Supongo que un poquito de eso hay. De filosofía, digo. Por tentar una respuesta, creo que desde que era un adolescente empezando a rodar por los senderos de Canarias supe, como una certeza que siempre tuve presente, que esto de vivir es un misteriosísimo milagro con un final bien conocido: la desaparición de cualquier rastro de nuestra existencia, de nuestra propia memoria, esto es, la muerte. Dicho así parece, amen de una arcaica obviedad, una realidad deprimente. ¿Qué queda entonces? Pues piensa uno que lo que queda es jugar todo lo posible con el tiempo vital que el milagro de vivir te ha asignado. ¿Y cómo se puede jugar con el tiempo, “jugar”, por ejemplo, a viajar a pie o en kayak durante años por tierras y ríos sudamericanos? Pues se puede, material y logísticamente hablando, siempre que vigiles un principio básico: la austeridad. La simpleza de vivir en sintonía con tus impulsos e ilusiones —impulsos e ilusiones que nunca pasan por el mercado— exige una austeridad material y ser, desde luego, un bicho de intemperie que ama los territorios por los que camina, que duerme consciente de hacerlo en un tesoro natural del cual se forma parte. Si quieres no sentirte demasiado esclavo de los presupuestos de la sociedad contemporánea (hipotecas, trabajo fijo, tiempo de vida escamoteado en aras de un muy relativo “progreso personal”) se debe llevar una vida lo más simple posible donde lo que “compras” no es más que tiempo a tu favor, tiempo de sueños que caminan, en mi caso sueños viajeros. Lo que a uno le impulsa a ponerse en camino es la posibilidad de volver a nacer desde la nada, de llenar el corazón con las vivencias de una geografía física, humana e histórica palpitantes, de deslastrarse —así sea de una inocente manera— de las distorsiones y servilismos que impone el modo de vida actual. Pertinente, en cualquier caso, la frase poética de Stevenson: «Dejar este lecho de plumas de la civilización y sentir bajo los pies el granito del globo terráqueo, sembrado de agudo pedernal».

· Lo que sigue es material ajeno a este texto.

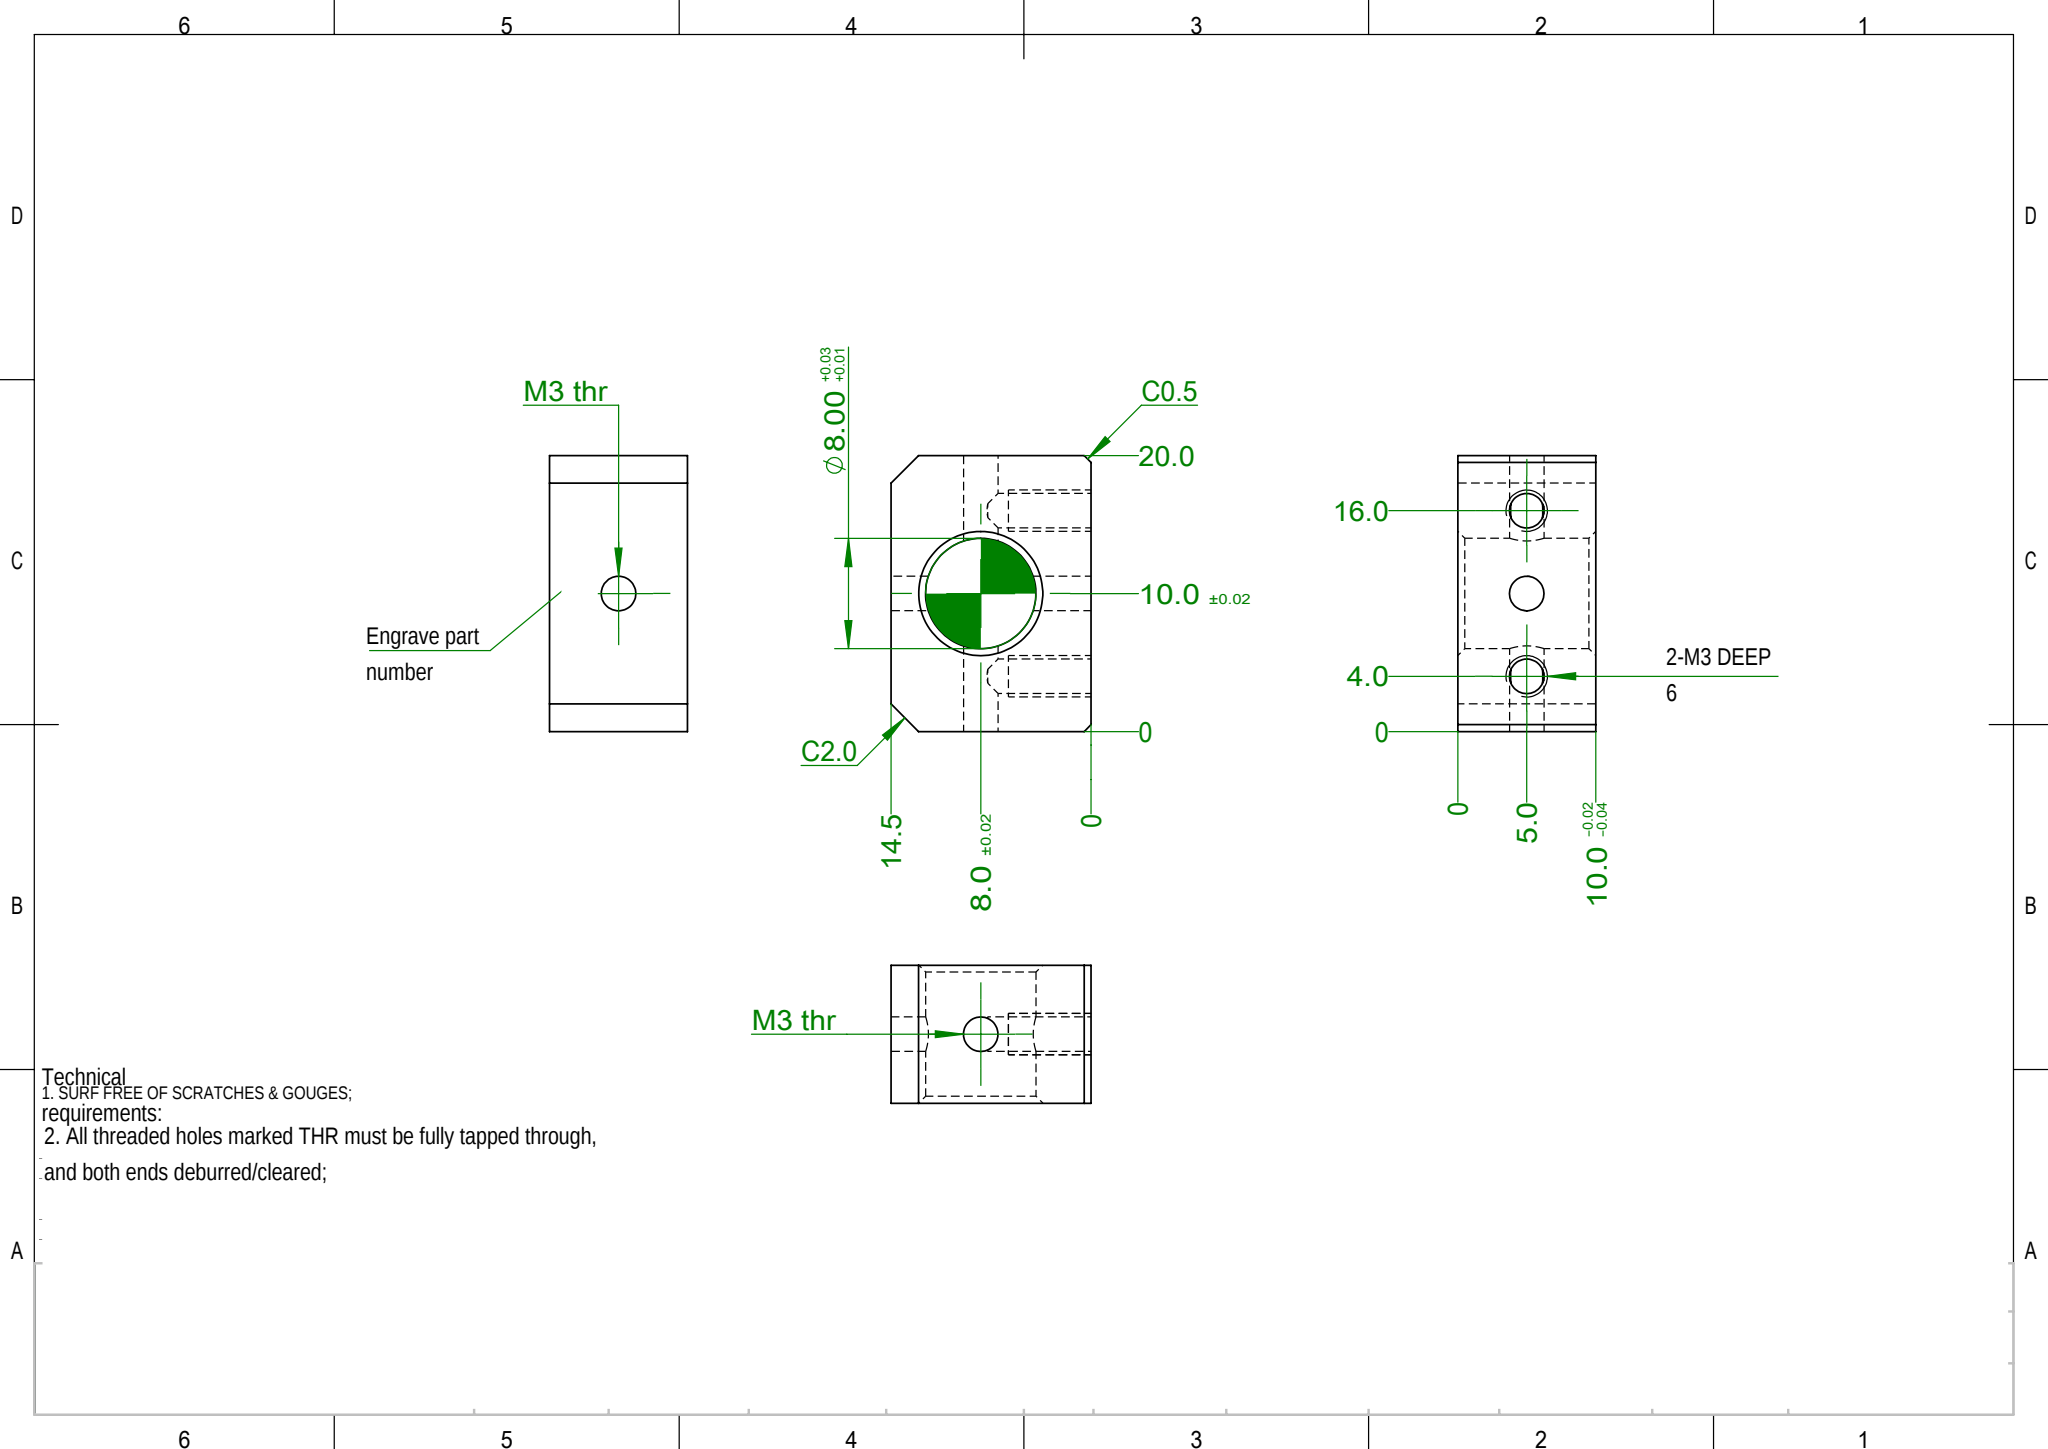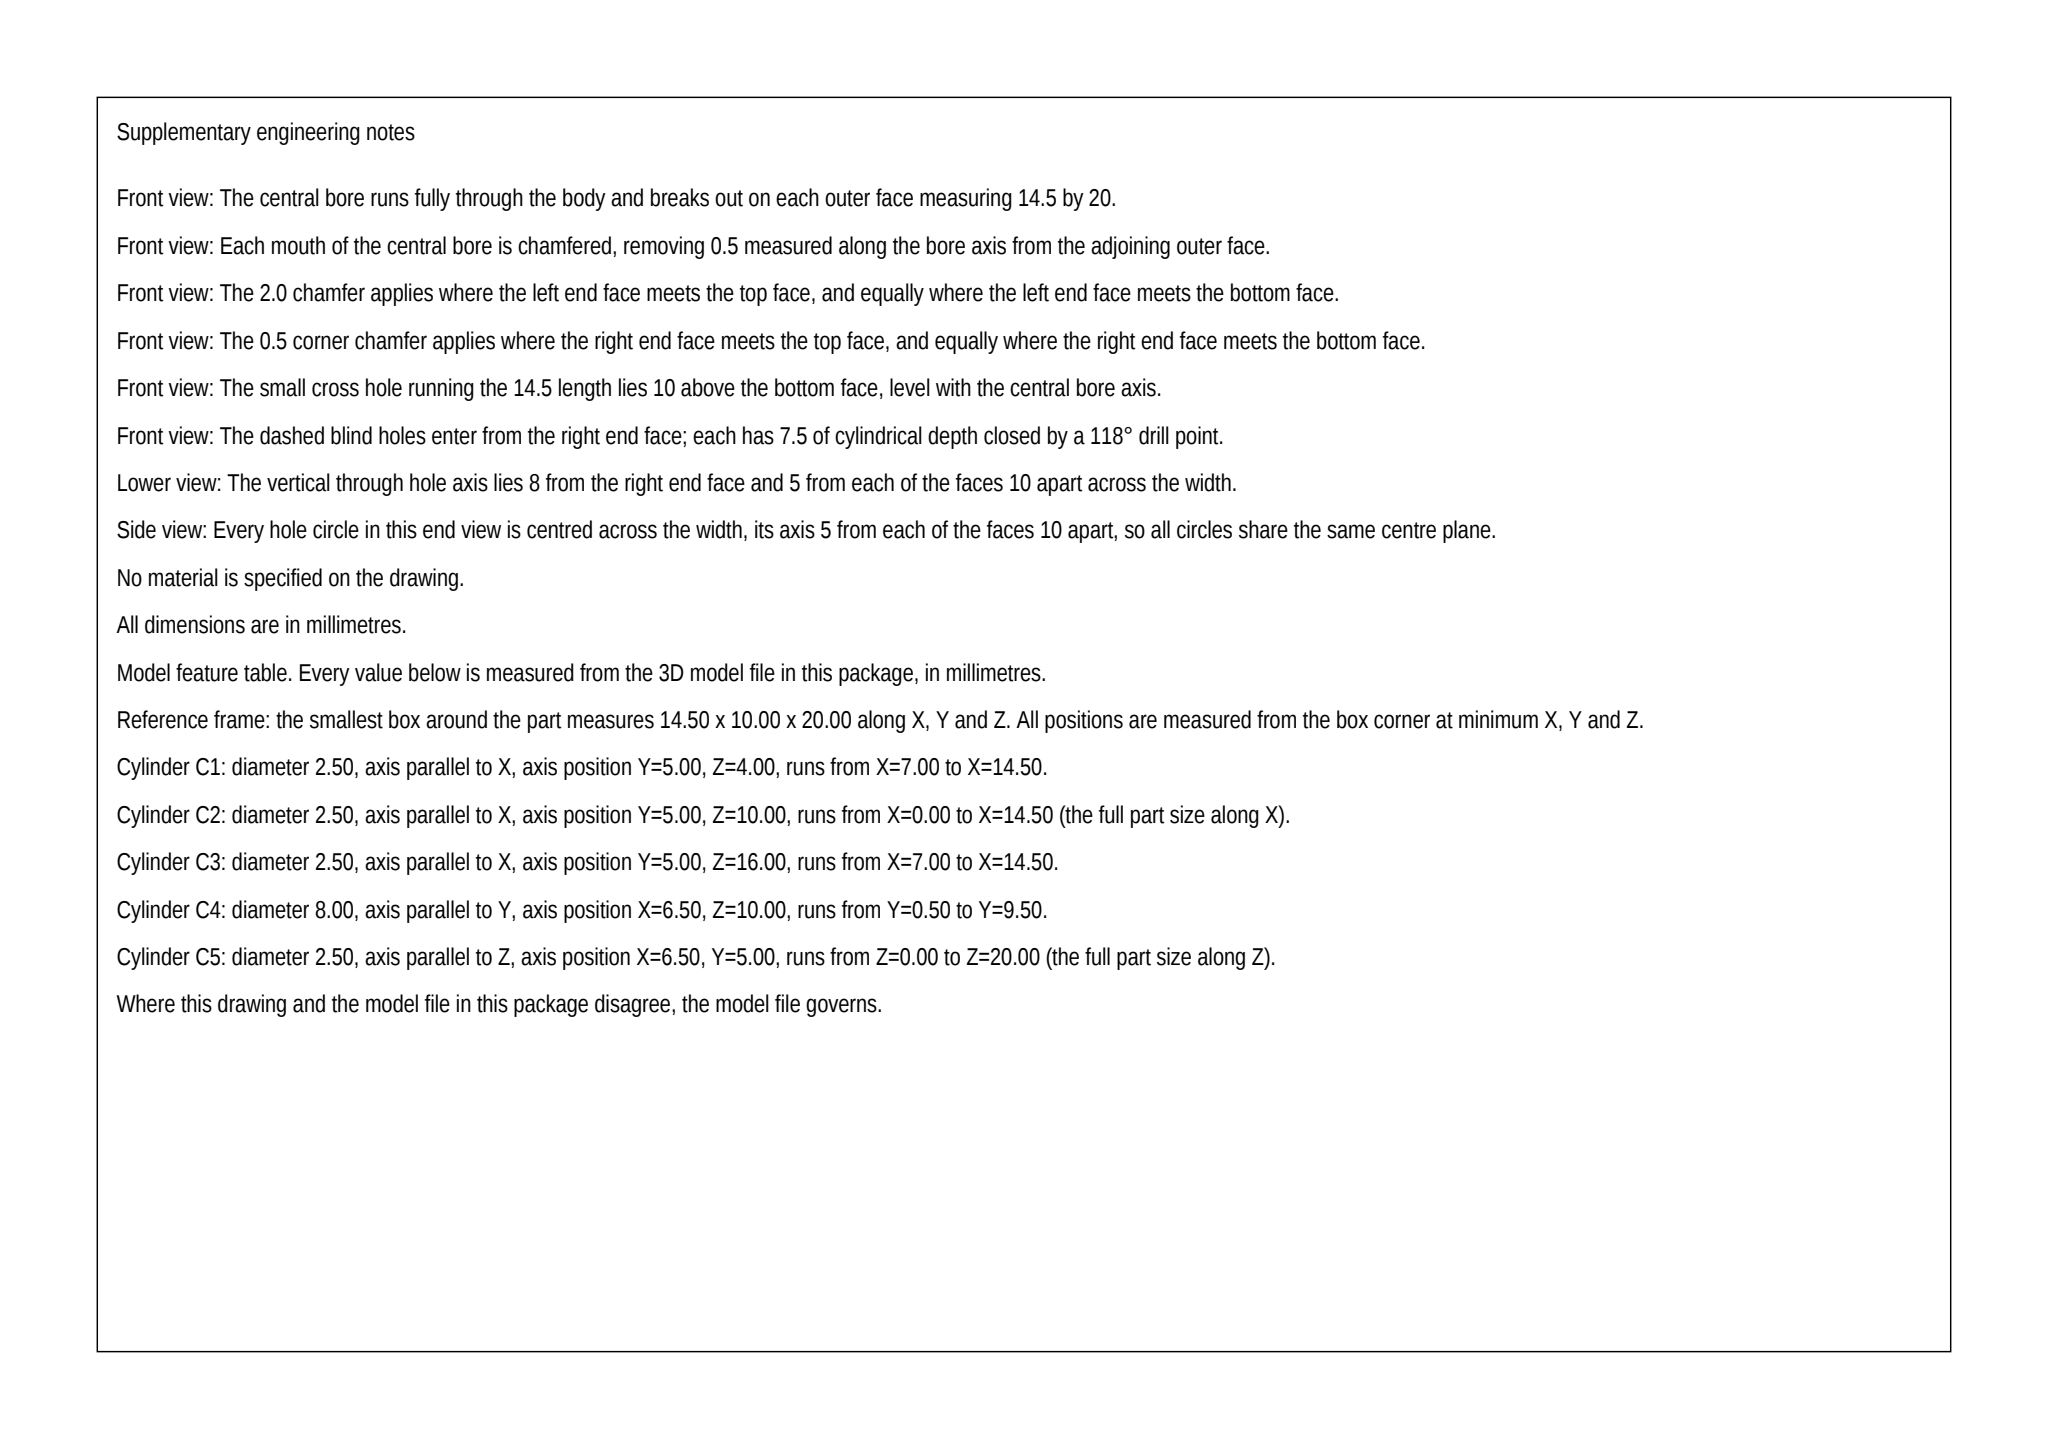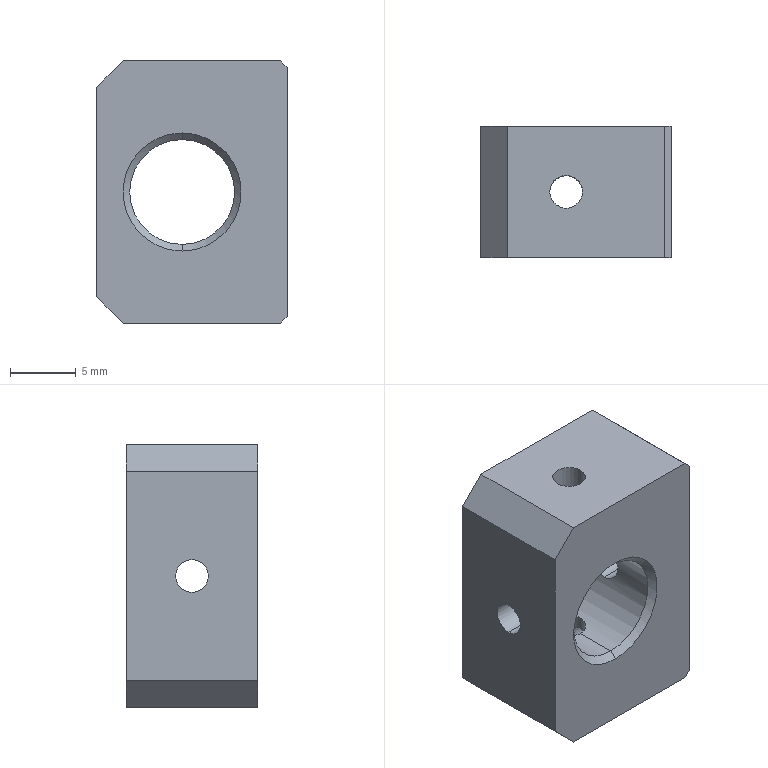Part | SolidWorks | mm | 1 solid | 32 faces | box 14.5 x 10 x 20 mm | volume 2188 mm3 | cylinder 14 | plane 10 | cone 8 | commonest cylinder face diameters 2.5 x12 8 x2
Drawing notes:
C2.0 CHAMFER 2X: UPPER & LOWER LEFT CORNERS, FRONT VIEW | from the solid: bbox 14.5 x 10.0 x 20.0; no fillet radii; symmetric chamfered corners at z=0 face ends x=0 and x=14.5, per C2.0 callout

A parte de las aventuras que nos cuentas en tus libros, has realizado multitud de otros viajes, como la travesía de la cordillera del Atlas a pie, otros viajes en kayak o en bicicleta por lugares tan variados como Cuba, el Kurdistán o Malasia. ¿Cómo decides tus aventuras? ¿Cómo te inspiras?
Bueno, no es muy complicado decidir y poner en marcha una aventura viajera si todo comienza con un deseo expansivo y una insatisfacción con las estrecheces de la monotonía. Es el deseo del niño que quiere conocer la espaciosidad del mundo —máxime en un isleño como uno—; el niño asombrado que observa la cartografía del planeta como una incitante cueva de Alí Babá; el niño que quiere llenarse de colores, de azares, de horizontes limpios, de encuentros y de soledades; aquel que gusta dormir al raso envuelto en el aire nocturno, saludar al sol como quien saluda a un camarada y echarse andar con el morral a cuestas presintiendo que la jornada que recién empieza nadie la ha escrito para ti.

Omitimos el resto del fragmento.